Collections Overview
The Java Collections Framework (JCF) is a unified architecture for representing and manipulating groups of objects. It provides a set of interfaces that define the operations a collection must support, a set of abstract classes that provide partial implementations, and a set of concrete implementations optimised for different use cases. Every Java developer uses collections daily — lists for sequences, sets for uniqueness, maps for key-value pairs, and queues for ordering — and choosing the right implementation for the right use case is one of the most fundamental practical skills in Java.
Iterable
Iterable<E> is the root interface of the Java Collections hierarchy. Any class that implements Iterable can be used in a for-each loop. It declares a single abstract method: iterator(), which returns an Iterator<E> that the for-each loop uses to traverse the elements.
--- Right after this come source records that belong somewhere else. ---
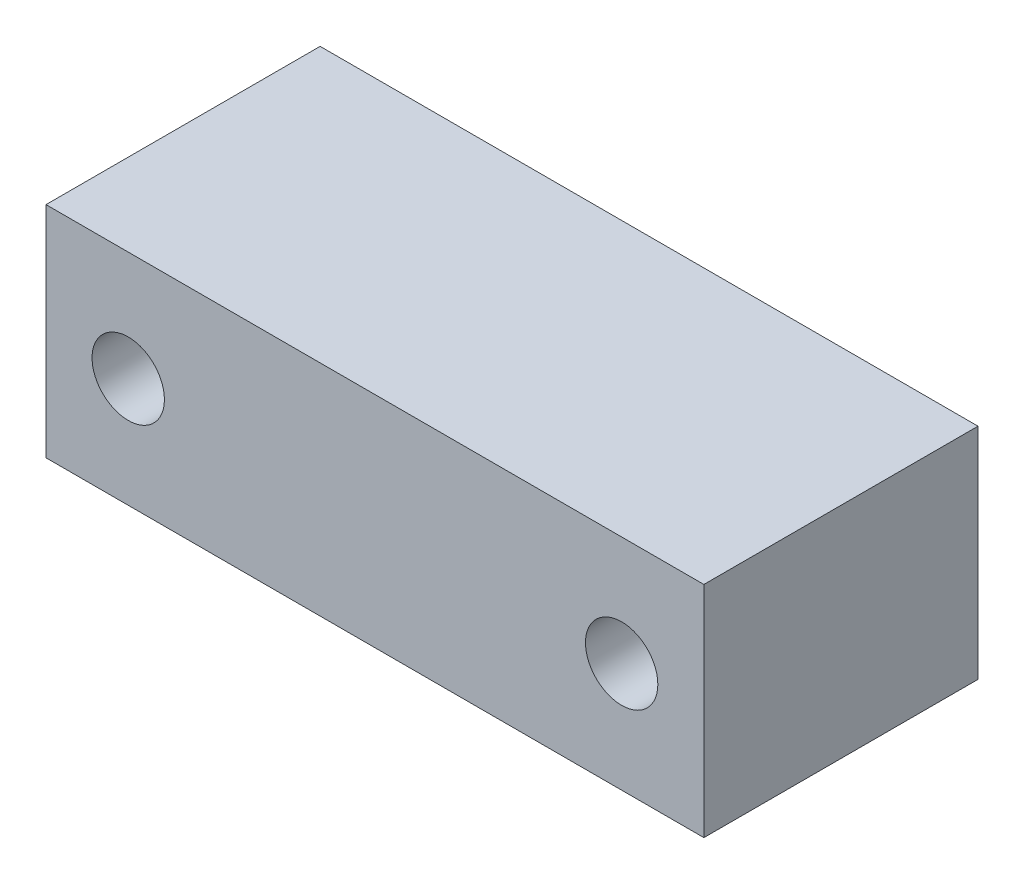
SolidWorks part; units mm, degrees
ref_plane "前视基准面" through (0, 0, 0) normal (0, 0, 1) x (1, 0, 0)
ref_plane "上视基准面" through (0, 0, 0) normal (0, 1, 0) x (1, 0, 0)
ref_plane "右视基准面" through (0, 0, 0) normal (1, 0, 0) x (0, 0, -1)
sketch "草图1" plane through (0, 0, 0) normal (0, 0, 1) x (1, 0, 0)
  line L1 (30, -10) -> (-30, -10)
  line L2 (30, -10) -> (30, 10)
  line L3 (30, 10) -> (-30, 10)
  line L4 (-30, -10) -> (-30, 10)
  line L5 (30, -10) -> (-30, 10) construction
  line L6 (30, 10) -> (-30, -10) construction
  point P0 (0, 0)
  dimension "D1" = 60
  dimension "D2" = 20
extrude "凸台-拉伸1" add sketch "草图1" along normal blind 25
hole_wizard "M6 间隙孔1" positions "草图4" profile "草图3" hole size "M6" standard "GB" end condition up to next
sketch "草图4" plane through (0, 0, 25) normal (0, 0, 1) x (1, 0, 0)
  line L0 (-22.5, 0) -> (0, 0) construction
  line L1 (0, 0) -> (0, 7.4261) construction
  point P0 (-22.5, 0)
  point P2 (22.5, 0)
  point P11 (0, 0)
  point P12 (0, 0)
  dimension "D1" = 45
sketch "草图3" plane through (-22.5, 0, 25) normal (1, 0, 0) x (0, -1, 0)
  line L0 (0, 0) -> (0, 25)
  line L1 (0, 25) -> (3.3, 25)
  line L2 (3.3, 25) -> (3.3, 0)
  line L5 (3.3, 0) -> (0, 0)
  line L11 (0, -6.35) -> (0, 107.95) construction
  dimension "通孔孔直径" = 6.6
  dimension "通孔孔深度" = 25
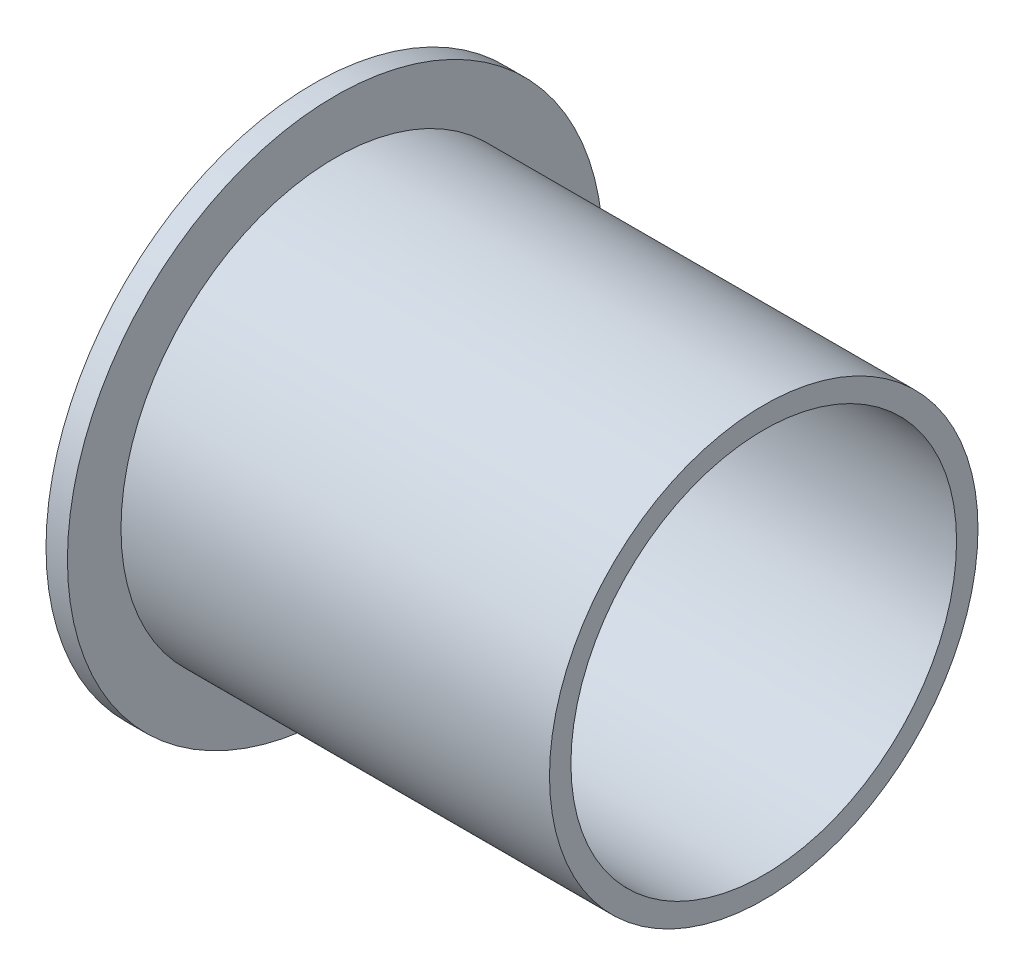
SolidWorks part; units mm, degrees
material "尼龙 101"
ref_plane "前视基准面" through (0, 0, 0) normal (0, 0, 1) x (1, 0, 0)
ref_plane "上视基准面" through (0, 0, 0) normal (0, 1, 0) x (1, 0, 0)
ref_plane "右视基准面" through (0, 0, 0) normal (1, 0, 0) x (0, 0, -1)
sketch "草图1" plane through (0, 0, 0) normal (0, 0, 1) x (1, 0, 0)
  line L0 (0, 30.304) -> (0, 0) construction
  line L1 (0, 0) -> (39.5369, 0) construction
  line L2 (0, 25) -> (2, 25)
  line L3 (2, 25) -> (2, 20)
  line L4 (2, 20) -> (42, 20)
  line L5 (42, 20) -> (42, 18)
  line L6 (42, 18) -> (2, 18)
  line L7 (2, 18) -> (2, 5)
  line L8 (2, 5) -> (0, 5)
  line L9 (0, 5) -> (0, 25)
  dimension "D1" = 10
  dimension "D2" = 40
  dimension "D3" = 2
  dimension "D4" = 2
  dimension "D5" = 5
  dimension "D6" = 40
revolve "旋转1" add sketch "草图1" angle 360 about L1

Implementing Iterable is all that is required to make a custom data structure work with Java's enhanced for loop, the Stream API, and any method that accepts an Iterable.
Collection Interface
Collection<E> is the root interface of the main collection hierarchy, extending Iterable<E>. It defines the common operations that all collection types must support: adding elements, removing elements, checking containment, querying size, clearing, converting to an array, and bulk operations. List, Set, and Queue all extend Collection. Map does not extend Collection because a map operates on key-value pairs rather than individual elements.
ArrayList
ArrayList is a resizable-array implementation of the List interface. It is the most commonly used collection in Java, providing dynamic sizing on top of a standard array. Elements are stored in contiguous memory, enabling O(1) random access by index. When the internal array is full, ArrayList automatically allocates a larger array and copies all elements. ArrayList is not thread-safe and preserves insertion order, allowing duplicates.